Di questa salernitana dotata di un occhio cinematografico formidabile e di una sensibilità ed attenzione alla gente comune ed alle donne del tutto originale, non molti ne conoscono l’esistenza. È paradossale come la Notari popolarissima nei primi anni venti del ‘900 proprio tra quella gente comune sia diventata negli anni appannaggio di intellettuali ed addetti ai lavori. Elvira nasce a Salerno nel 1875 da una famiglia semplice, conosce Nicola Notari che di mestiere fa il fotografo e da allora la pellicola sarà il suo mondo. Dapprima aiuta il marito, colora le pellicole, stampa le foto, ma presto comincia a cimentarsi nella regia, girando direttamente dapprima cortometraggi e poi veri e propri film. Elvira Notari si muove con la sua macchina da presa tra la gente comune; i suoi set sono i bassi nei Quartieri spagnoli di Napoli, oppure le strade affollate del lungomare di Napoli; descrivono la vita e l’anima della piccola borghesia e del popolino, rappresentandone contrasti e miserie. Alcune volte sono veri e propri documenti storici basti pensare all’incendio del campanile del Carmine che fa da sfondo alla drammatica vicenda di amor fou del film “E’ piccerella”. Il cinema è muto e tutto il pathos delle situazioni è affidato agli sguardi, ai gesti dei protagonisti. Indimenticabili gli occhi maliardi di Margheretella o quelli severi eppur addolorati della madre di Tore.
Notari guarda con occhio attento le donne, non solo le madri, ma anche
donne perdute e femme fatale, ma anche folli e fuori dagli schemi per
quei tempi, dotate di risolutezza nel contestare il ruolo sociale contemplato
per loro. La rappresentazione di vicende di donne anticonformiste e
ribelli, quale peraltro lei stessa era, è probabilmente il motivo per il quale
Elvira Notari è stata considerata da femministe come Lina Mangiacapre, una
sorta di pioniera della rivendicazione femminile nel cinema, tanto da istituire
nel 1987, presso la Mostra internazionale
d'arte cinematografica di Venezia, un premio a suo nome, finalizzato a
"segnalare le opere filmiche che mostrano nel segno della differenza il
cambiamento dell'immagine della donna, della donna, soggetto di storia e di
cultura."
Elvira Notari non è solo la prima regista italiana, forse del mondo, ma la prima regista meridionale; i suoi protagonisti miseri ed umani testimoniano il contrasto con il cinema “maggiore “dell’epoca che aveva il suo riferimento a Torino. Resisterà infatti alla regia e produzione di film storici molto in voga in quel periodo per continuare a raccontare la sua Napoli degli ultimi, le loro storie di riscatto umano.

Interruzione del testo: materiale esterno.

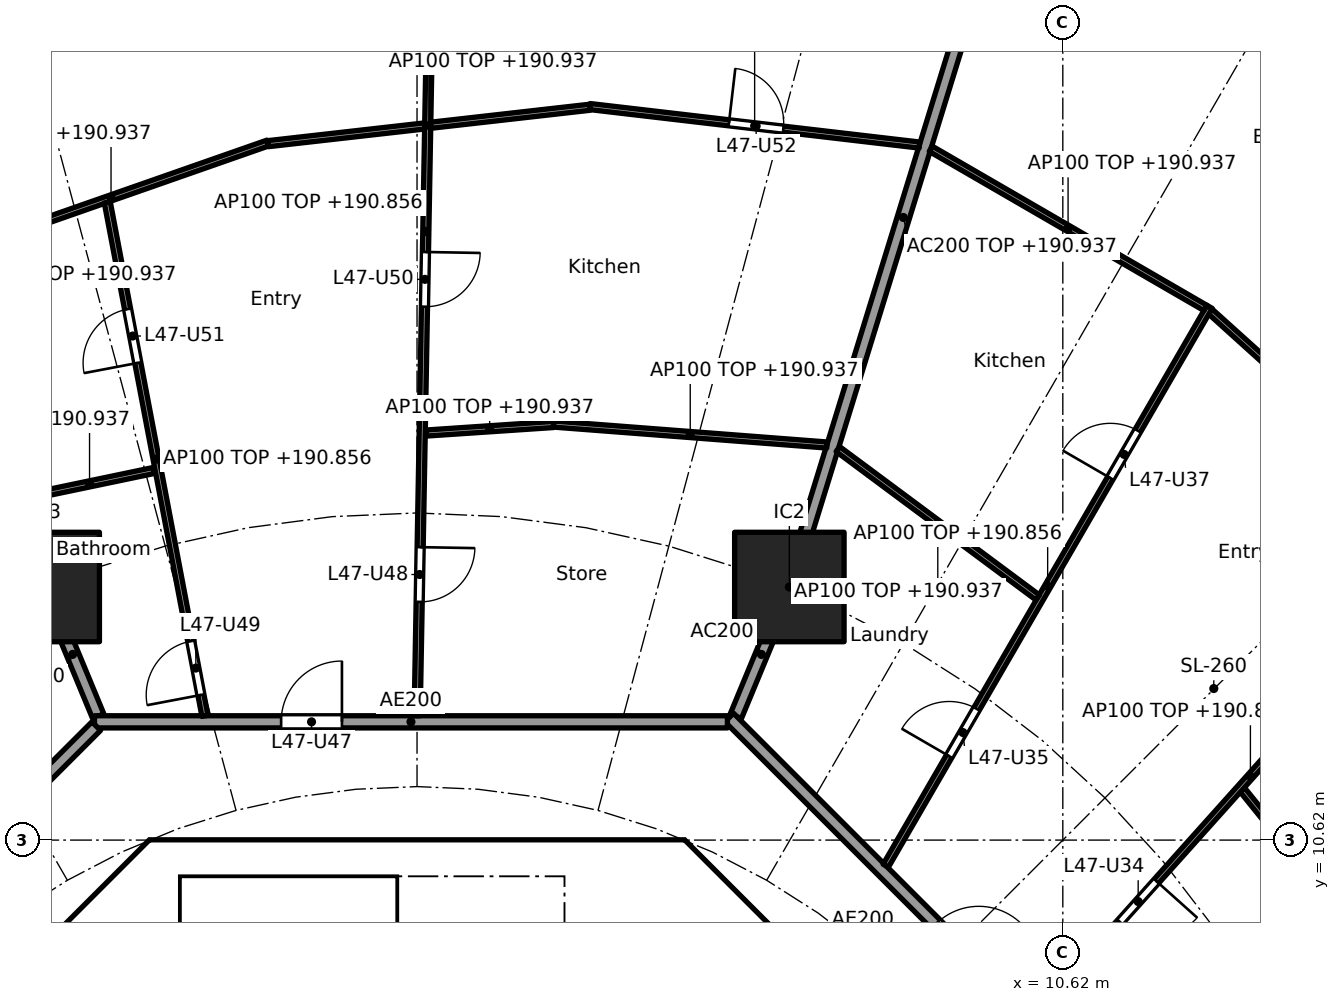
"""IFC4 building model, lengths in metres.
Left out: names, types, materials, properties, quantities, classifications, styles, units other than length and angle.
Written with IfcOpenShell. Run it as: python <this file> out.ifc"""

import sys

from ifc_helpers import new_model, si_unit, direction, frame, frame_2d, origin, origin_2d, place, context, subcontext, project, spatial, polyline, rectangle, outline, extrude, element, fill, save


model = new_model("IFC4")
c1 = context("Model", 3, precision=1e-05, world=origin(), true_north=direction((0.0, 1.0)))
c2 = subcontext(c1, "Body", "Model", "MODEL_VIEW")
j1 = project(units=[si_unit("LENGTHUNIT", "METRE"), si_unit("PLANEANGLEUNIT", "RADIAN")], contexts=[c1])
p1 = place(None, origin())
s1 = spatial("IfcSite", under=j1, at=p1, CompositionType="ELEMENT")
p2 = place(p1, origin())
s2 = spatial("IfcBuilding", under=s1, at=p2, CompositionType="ELEMENT")
p3 = place(p2, frame((0.0, 0.0, 188.1)))
s3 = spatial("IfcBuildingStorey", under=s2, at=p3, CompositionType="ELEMENT", Elevation=188.1)
for number, where, z_axis, x_axis in (
    (1, (6.123, 14.782, 0.0), (0.0, 0.0, 1.0), (1.0, 0.0, 0.0)),
    (2, (-6.123, 14.782, 0.0), (0.0, 0.0, 1.0), (1.0, 0.0, 0.0)),
):
    element("IfcColumn", number, at=place(p3, frame(where, z_axis=z_axis, x_axis=x_axis)), inside=s3, PredefinedType="COLUMN", context=c2, shape_type="SweptSolid", body=[
        extrude(rectangle(XDim=1.8, YDim=1.8, at=origin_2d()), origin(), (0.0, 0.0, 1.0), 3.7),
    ])
p4 = place(p3, frame((9.988, 4.613, 0.0), z_axis=(0.0, 0.0, 1.0), x_axis=(-0.707106781187, 0.707106781187, 0.0)))
e3 = element("IfcWall", 3, at=p4, inside=s3, PredefinedType="SHEAR", context=c2, shape_type="SweptSolid", body=[
    extrude(rectangle(XDim=7.602, YDim=0.6, at=frame_2d((3.801, 0.0))), origin(), (0.0, 0.0, 1.0), 3.44),
])
p5 = place(p4, frame((3.201, 0.0, 0.0)))
e4 = element("IfcOpeningElement", 4, at=p5, cuts=e3, PredefinedType="OPENING", context=c2, shape_type="SweptSolid", body=[
    extrude(rectangle(XDim=1.2, YDim=2.1, at=frame_2d((0.6, 1.05))), frame((0.0, 0.31, 0.0), z_axis=(0.0, -1.0, 0.0), x_axis=(1.0, 0.0, 0.0)), (0.0, 0.0, 1.0), 0.62),
])
p6 = place(p3, frame((-4.613, 9.988, 0.0), z_axis=(0.0, 0.0, 1.0), x_axis=(-0.707106781187, -0.707106781187, 0.0)))
e5 = element("IfcWall", 5, at=p6, inside=s3, PredefinedType="SHEAR", context=c2, shape_type="SweptSolid", body=[
    extrude(rectangle(XDim=7.602, YDim=0.6, at=frame_2d((3.801, 0.0))), origin(), (0.0, 0.0, 1.0), 3.44),
])
p7 = place(p6, frame((0.351, 0.0, 0.0)))
e6 = element("IfcOpeningElement", 6, at=p7, cuts=e5, PredefinedType="OPENING", context=c2, shape_type="SweptSolid", body=[
    extrude(rectangle(XDim=1.1, YDim=2.1, at=frame_2d((0.55, 1.05))), frame((0.0, 0.31, 0.0), z_axis=(0.0, -1.0, 0.0), x_axis=(1.0, 0.0, 0.0)), (0.0, 0.0, 1.0), 0.62),
])
p8 = place(p3, frame((4.0, 7.025, 0.0), z_axis=(0.0, 0.0, 1.0), x_axis=(0.0, 1.0, 0.0)))
e7 = element("IfcWall", 7, at=p8, inside=s3, PredefinedType="SOLIDWALL", context=c2, shape_type="SweptSolid", body=[
    extrude(rectangle(XDim=3.0, YDim=0.2, at=frame_2d((1.5, 0.0))), origin(), (0.0, 0.0, 1.0), 3.44),
])
p9 = place(p8, frame((0.925, 0.0, 0.0)))
e8 = element("IfcOpeningElement", 8, at=p9, cuts=e7, PredefinedType="OPENING", context=c2, shape_type="SweptSolid", body=[
    extrude(rectangle(XDim=1.1, YDim=2.1, at=frame_2d((0.55, 1.05))), frame((0.0, 0.11, 0.0), z_axis=(0.0, -1.0, 0.0), x_axis=(1.0, 0.0, 0.0)), (0.0, 0.0, 1.0), 0.22),
])
p10 = place(p3, origin())
e9 = element("IfcWall", 9, at=p10, inside=s3, PredefinedType="SHEAR", context=c2, shape_type="SweptSolid", body=[
    extrude(outline(polyline([(-4.152, 10.025), (-4.401, 9.776), (-4.825, 10.2), (-4.401, 10.625), (4.401, 10.625), (4.825, 10.2), (4.401, 9.776), (4.152, 10.025), (-4.152, 10.025)])), origin(), (0.0, 0.0, 1.0), 3.44),
])
p11 = place(p3, origin())
e10 = element("IfcWall", 10, at=p11, inside=s3, PredefinedType="SOLIDWALL", context=c2, shape_type="SweptSolid", body=[
    extrude(outline(polyline([(-3.9, 7.025), (-4.1, 7.025), (-4.1, 10.025), (-3.9, 10.025), (-3.9, 7.025)])), origin(), (0.0, 0.0, 1.0), 3.44),
])
p12 = place(p3, frame((5.243, 12.657, 0.0), z_axis=(0.0, 0.0, 1.0), x_axis=(0.382747093259, 0.923853160736, 0.0)))
e11 = element("IfcWall", 11, at=p12, inside=s3, PredefinedType="PARTITIONING", context=c2, shape_type="SweptSolid", body=[
    extrude(rectangle(XDim=2.2, YDim=0.2, at=frame_2d((1.1, 0.0))), origin(), (0.0, 0.0, 1.0), 3.44),
])
p13 = place(p3, frame((6.138, 14.83, 0.0), z_axis=(0.0, 0.0, 1.0), x_axis=(0.294818517221, 0.955553264818, 0.0)))
e12 = element("IfcWall", 12, at=p13, inside=s3, PredefinedType="PARTITIONING", context=c2, shape_type="SweptSolid", body=[
    extrude(rectangle(XDim=12.619, YDim=0.2, at=frame_2d((6.31, 0.0))), origin(), (0.0, 0.0, 1.0), 2.837),
])
p14 = place(p3, frame((-5.243, 12.657, 0.0), z_axis=(0.0, 0.0, 1.0), x_axis=(-0.382707856524, 0.923869415315, 0.0)))
e13 = element("IfcWall", 13, at=p14, inside=s3, PredefinedType="PARTITIONING", context=c2, shape_type="SweptSolid", body=[
    extrude(rectangle(XDim=2.2, YDim=0.2, at=frame_2d((1.1, 0.0))), origin(), (0.0, 0.0, 1.0), 3.44),
])
p15 = place(p3, frame((12.635, 5.134, 0.0), z_axis=(0.0, 0.0, 1.0), x_axis=(-0.707106781187, 0.707106781187, 0.0)))
e14 = element("IfcWall", 14, at=p15, inside=s3, PredefinedType="PARTITIONING", context=c2, shape_type="SweptSolid", body=[
    extrude(rectangle(XDim=10.609, YDim=0.2, at=frame_2d((5.305, 0.0))), origin(), (0.0, 0.0, 1.0), 3.44),
])
p16 = place(p15, frame((4.804, 0.0, 0.0)))
e15 = element("IfcOpeningElement", 15, at=p16, cuts=e14, PredefinedType="OPENING", context=c2, shape_type="SweptSolid", body=[
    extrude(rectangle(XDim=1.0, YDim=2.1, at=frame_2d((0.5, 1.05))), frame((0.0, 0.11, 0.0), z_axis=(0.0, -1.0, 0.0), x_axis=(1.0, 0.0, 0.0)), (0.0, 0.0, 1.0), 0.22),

Elvira Notari non ebbe una buona relazione con gli intellettuali del suo tempo. Viene ricordata l’asprezza con cui fu trattata da Matilde Serao.
L’avvento del sonoro e quello del Fascismo segnarono il declino della attività di regista e produttrice della Notari (aveva anche fondato una casa di produzione la Dora Film). Gli alti costi di produzione e la censura operata dal fascismo che consentiva lafigura femminile solo se funzionale alla causa del regime, spinsero Elvira a ritirarsi a Cava dei Tirreni dove morirà nel 1946.
I pochi film rimasti di Elvira Notari costituiscono davvero uno straordinario ed avanzato punto di avvistamento della condizione umana e femminile, da quella marginalità che sarebbe diventata determinante per le narrazioni del successivo Neorealismo.
Nel 2022 Flavia Amabile, scrittrice e giornalista de “La Stampa”, con il suo “Elvira” (Einaudi Stile Libero, 2022), ci restituisce con molte sfaccettature la memoria di questa geniale Meridionale.